SEQUIM — A Whidbey Island woman fluent in Esperanto — an artificial language constructed to allow speakers of different native tongues to communicate fluidly — will discuss how it works during a free seminar Saturday.
Jennifer Bondelid, 38, of Clinton will speak at Sequim Library, 630 N. Sequim Ave., at 10:30 a.m.
Refreshments will be provided.
The seminar is sponsored by the Spiritual Assembly of the Bahais of Clallam County East.
In 1999, Bondelid received a bachelor’s degree in Esperanto instruction from Principia College, a private liberal arts college in Elsah, Ill.
In 2014, she joined the instructor team of the Esperanto Summer Intensive — an Esperanto immersion program — in Victoria.
During Saturday’s seminar, Bondelid said she will discuss “the history of the language, some basics about the language, some tips for learning it quickly and culture in Esperanto.”
2 million speakers
According to the Universal Esperanto Association, about 2 million people worldwide fluently or actively speak Esperanto, with the highest prevalence in Europe, East Asia and South America.
In Washington state, Esperanto-USA lists 30 members who speak the language, “but that is just the small percentage of speakers of the language who have paid membership dues to a national organization for that year,” Bondelid said.
“I know quite a few people in my area who speak the language fluently but don’t appear on that list.”
Bondelid encourages “anyone who is interested in having direct contact with people in many other cultures [and] anyone who is intellectually curious about a language constructed to be simple and straightforward” to attend the seminar, she said.
Esperanto is fairly easy to pick up, she added.
“Esperanto has a simple verb system, no irregular verbs or conjugations,” she added.
Created in 1800s
According to historians, Esperanto was created in the late 1870s and early 1880s by L.L. Zamenhof, a Jewish eye doctor living in Białystok, the largest city in northeastern Poland. The city was part of the Russian Empire during his lifetime.
According to a letter penned by Zamenhof in 1895, he created the language to foster harmony between separate races.
The language helps to remove cultural barriers between people “to whatever extent those individuals are willing to be open to that,” Bondelid said.

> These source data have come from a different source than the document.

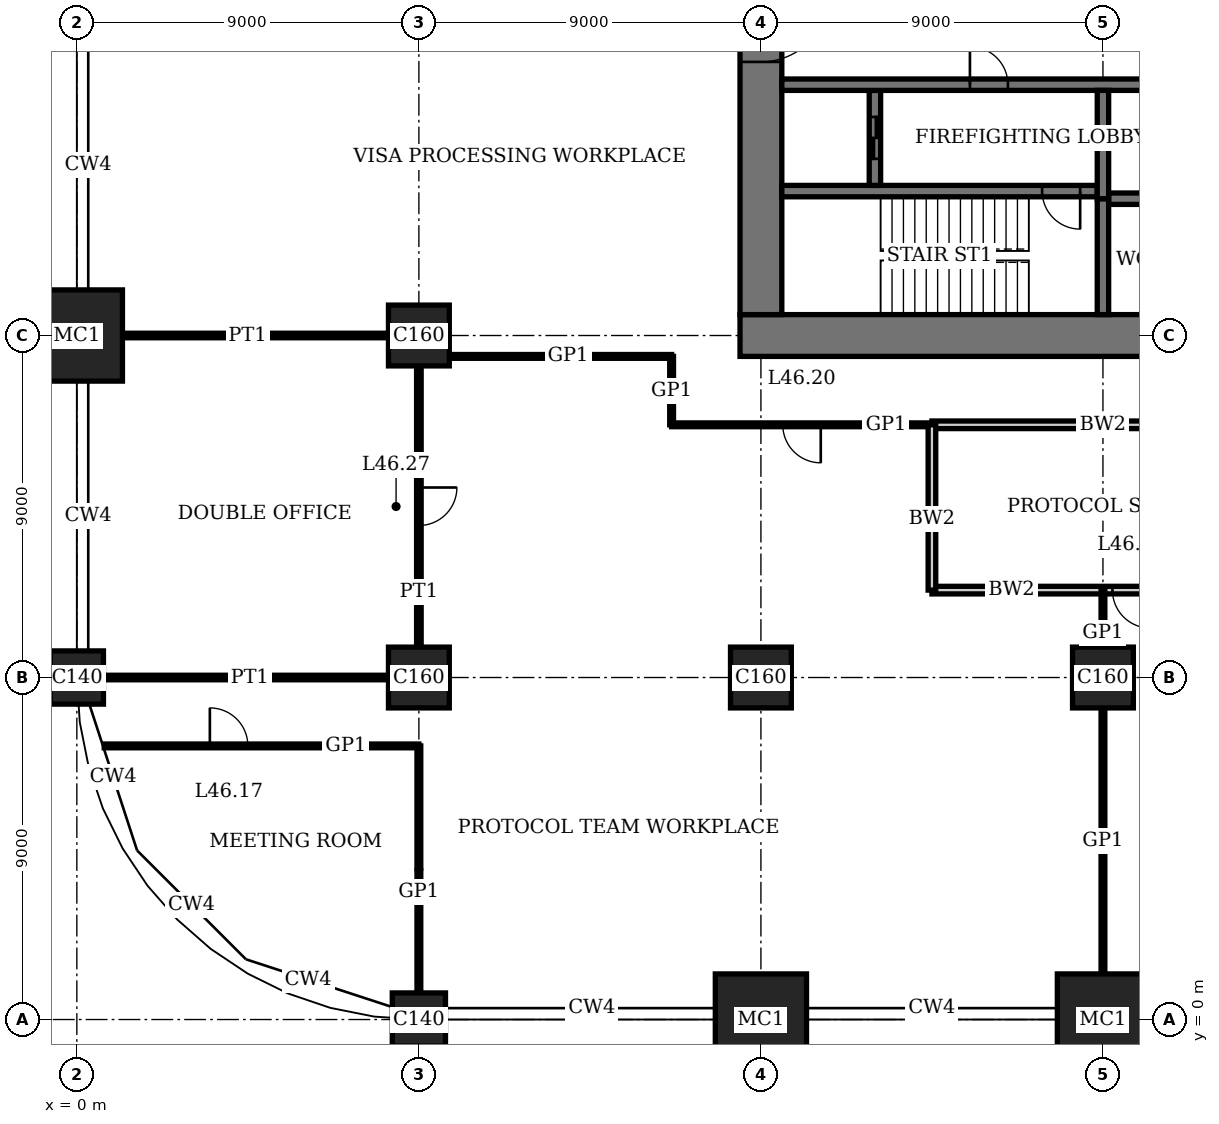
"""IFC4 building model, lengths in metres.
Left out: names, types, materials, properties, quantities, classifications, styles, units other than length and angle.
Written with IfcOpenShell. Run it as: python <this file> out.ifc"""

import sys

from ifc_helpers import new_model, si_unit, direction, frame, frame_2d, origin, origin_2d, place, context, subcontext, project, spatial, rectangle, extrude, element, fill, save


model = new_model("IFC4")
c1 = context("Model", 3, precision=1e-05, world=origin(), true_north=direction((0.0, 1.0)))
c2 = subcontext(c1, "Body", "Model", "MODEL_VIEW")
j1 = project(units=[si_unit("LENGTHUNIT", "METRE"), si_unit("PLANEANGLEUNIT", "RADIAN")], contexts=[c1])
p1 = place(None, origin())
s1 = spatial("IfcSite", under=j1, at=p1, CompositionType="ELEMENT")
p2 = place(p1, origin())
s2 = spatial("IfcBuilding", under=s1, at=p2, CompositionType="ELEMENT")
p3 = place(p2, frame((0.0, 0.0, 190.2)))
s3 = spatial("IfcBuildingStorey", under=s2, at=p3, CompositionType="ELEMENT", Elevation=190.2)
p4 = place(p3, frame((0.0, 9.0, 0.0), z_axis=(0.0, 0.0, 1.0), x_axis=(1.0, 0.0, 0.0)))
e1 = element("IfcColumn", 1, at=p4, inside=s3, PredefinedType="COLUMN", context=c2, shape_type="SweptSolid", body=[
    extrude(rectangle(XDim=1.4, YDim=1.4, at=origin_2d()), origin(), (0.0, 0.0, 1.0), 4.0),
])
p5 = place(p3, frame((0.0, 18.0, 0.0), z_axis=(0.0, 0.0, 1.0), x_axis=(1.0, 0.0, 0.0)))
e2 = element("IfcColumn", 2, at=p5, inside=s3, PredefinedType="COLUMN", context=c2, shape_type="SweptSolid", body=[
    extrude(rectangle(XDim=2.4, YDim=2.4, at=origin_2d()), origin(), (0.0, 0.0, 1.0), 4.0),
])
p6 = place(p3, frame((9.0, 0.0, 0.0), z_axis=(0.0, 0.0, 1.0), x_axis=(1.0, 0.0, 0.0)))
e3 = element("IfcColumn", 3, at=p6, inside=s3, PredefinedType="COLUMN", context=c2, shape_type="SweptSolid", body=[
    extrude(rectangle(XDim=1.4, YDim=1.4, at=origin_2d()), origin(), (0.0, 0.0, 1.0), 4.0),
])
for number, where, z_axis, x_axis in (
    (4, (9.0, 9.0, 0.0), (0.0, 0.0, 1.0), (1.0, 0.0, 0.0)),
    (5, (9.0, 18.0, 0.0), (0.0, 0.0, 1.0), (1.0, 0.0, 0.0)),
):
    element("IfcColumn", number, at=place(p3, frame(where, z_axis=z_axis, x_axis=x_axis)), inside=s3, PredefinedType="COLUMN", context=c2, shape_type="SweptSolid", body=[
        extrude(rectangle(XDim=1.6, YDim=1.6, at=origin_2d()), origin(), (0.0, 0.0, 1.0), 4.0),
    ])
p7 = place(p3, frame((18.0, 0.0, 0.0), z_axis=(0.0, 0.0, 1.0), x_axis=(1.0, 0.0, 0.0)))
e6 = element("IfcColumn", 6, at=p7, inside=s3, PredefinedType="COLUMN", context=c2, shape_type="SweptSolid", body=[
    extrude(rectangle(XDim=2.4, YDim=2.4, at=origin_2d()), origin(), (0.0, 0.0, 1.0), 4.0),
])
p8 = place(p3, frame((18.0, 9.0, 0.0), z_axis=(0.0, 0.0, 1.0), x_axis=(1.0, 0.0, 0.0)))
e7 = element("IfcColumn", 7, at=p8, inside=s3, PredefinedType="COLUMN", context=c2, shape_type="SweptSolid", body=[
    extrude(rectangle(XDim=1.6, YDim=1.6, at=origin_2d()), origin(), (0.0, 0.0, 1.0), 4.0),
])
p9 = place(p3, frame((27.0, 0.0, 0.0), z_axis=(0.0, 0.0, 1.0), x_axis=(1.0, 0.0, 0.0)))
e8 = element("IfcColumn", 8, at=p9, inside=s3, PredefinedType="COLUMN", context=c2, shape_type="SweptSolid", body=[
    extrude(rectangle(XDim=2.4, YDim=2.4, at=origin_2d()), origin(), (0.0, 0.0, 1.0), 4.0),
])
p10 = place(p3, frame((27.0, 9.0, 0.0), z_axis=(0.0, 0.0, 1.0), x_axis=(1.0, 0.0, 0.0)))
e9 = element("IfcColumn", 9, at=p10, inside=s3, PredefinedType="COLUMN", context=c2, shape_type="SweptSolid", body=[
    extrude(rectangle(XDim=1.6, YDim=1.6, at=origin_2d()), origin(), (0.0, 0.0, 1.0), 4.0),
])
p11 = place(p3, frame((17.45, 18.0, 0.0), z_axis=(0.0, 0.0, 1.0), x_axis=(1.0, 0.0, 0.0)))
e10 = element("IfcWall", 10, at=p11, inside=s3, PredefinedType="SHEAR", context=c2, shape_type="SweptSolid", body=[
    extrude(rectangle(XDim=28.1, YDim=1.1, at=frame_2d((14.05, 0.0))), origin(), (0.0, 0.0, 1.0), 4.0),
])
p12 = place(p11, frame((11.55, 0.0, 0.0)))
e11 = element("IfcOpeningElement", 11, at=p12, cuts=e10, PredefinedType="OPENING", context=c2, shape_type="SweptSolid", body=[
    extrude(rectangle(XDim=1.0, YDim=2.4, at=frame_2d((0.5, 1.2))), frame((0.0, 0.56, 0.0), z_axis=(0.0, -1.0, 0.0), x_axis=(1.0, 0.0, 0.0)), (0.0, 0.0, 1.0), 1.12),
])
p13 = place(p11, frame((16.55, 0.0, 0.0)))
e12 = element("IfcOpeningElement", 12, at=p13, cuts=e10, PredefinedType="OPENING", context=c2, shape_type="SweptSolid", body=[
    extrude(rectangle(XDim=1.0, YDim=2.4, at=frame_2d((0.5, 1.2))), frame((0.0, 0.56, 0.0), z_axis=(0.0, -1.0, 0.0), x_axis=(1.0, 0.0, 0.0)), (0.0, 0.0, 1.0), 1.12),
])
p14 = place(p11, frame((20.0, 0.0, 0.0)))
e13 = element("IfcOpeningElement", 13, at=p14, cuts=e10, PredefinedType="OPENING", context=c2, shape_type="SweptSolid", body=[
    extrude(rectangle(XDim=1.1, YDim=2.4, at=frame_2d((0.55, 1.2))), frame((0.0, 0.56, 0.0), z_axis=(0.0, -1.0, 0.0), x_axis=(1.0, 0.0, 0.0)), (0.0, 0.0, 1.0), 1.12),
])
p15 = place(p11, frame((24.05, 0.0, 0.0)))
e14 = element("IfcOpeningElement", 14, at=p15, cuts=e10, PredefinedType="OPENING", context=c2, shape_type="SweptSolid", body=[
    extrude(rectangle(XDim=1.0, YDim=2.4, at=frame_2d((0.5, 1.2))), frame((0.0, 0.56, 0.0), z_axis=(0.0, -1.0, 0.0), x_axis=(1.0, 0.0, 0.0)), (0.0, 0.0, 1.0), 1.12),
])
p16 = place(p3, frame((18.0, 35.45, 0.0), z_axis=(0.0, 0.0, 1.0), x_axis=(0.0, -1.0, 0.0)))
e15 = element("IfcWall", 15, at=p16, inside=s3, PredefinedType="SHEAR", context=c2, shape_type="SweptSolid", body=[
    extrude(rectangle(XDim=16.9, YDim=1.1, at=frame_2d((8.45, 0.0))), origin(), (0.0, 0.0, 1.0), 4.0),
])
p17 = place(p16, frame((8.45, 0.0, 0.0)))
e16 = element("IfcOpeningElement", 16, at=p17, cuts=e15, PredefinedType="OPENING", context=c2, shape_type="SweptSolid", body=[
    extrude(rectangle(XDim=1.8, YDim=2.4, at=frame_2d((0.9, 1.2))), frame((0.0, 0.56, 0.0), z_axis=(0.0, -1.0, 0.0), x_axis=(1.0, 0.0, 0.0)), (0.0, 0.0, 1.0), 1.12),
])
p18 = place(p3, frame((18.55, 21.8, 0.0), z_axis=(0.0, 0.0, 1.0), x_axis=(1.0, 0.0, 0.0)))
e17 = element("IfcWall", 17, at=p18, inside=s3, PredefinedType="SHEAR", context=c2, shape_type="SweptSolid", body=[
    extrude(rectangle(XDim=8.3, YDim=0.3, at=frame_2d((4.15, 0.0))), origin(), (0.0, 0.0, 1.0), 4.0),
])
p19 = place(p18, frame((6.85, 0.0, 0.0)))
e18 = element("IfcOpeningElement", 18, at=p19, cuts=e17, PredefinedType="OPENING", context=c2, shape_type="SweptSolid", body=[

“The cultural norm among Esperanto-speakers is openness and interest in other cultures, but of course, learning a language does not mandate a particular philosophy.”
With that being said, “there are some philosophical underpinnings to Esperanto, stemming from an idea that all people are brothers and sisters, and should be respected without regard to gender, religion, nationality, ethnicity or sexuality,” Bondelid said.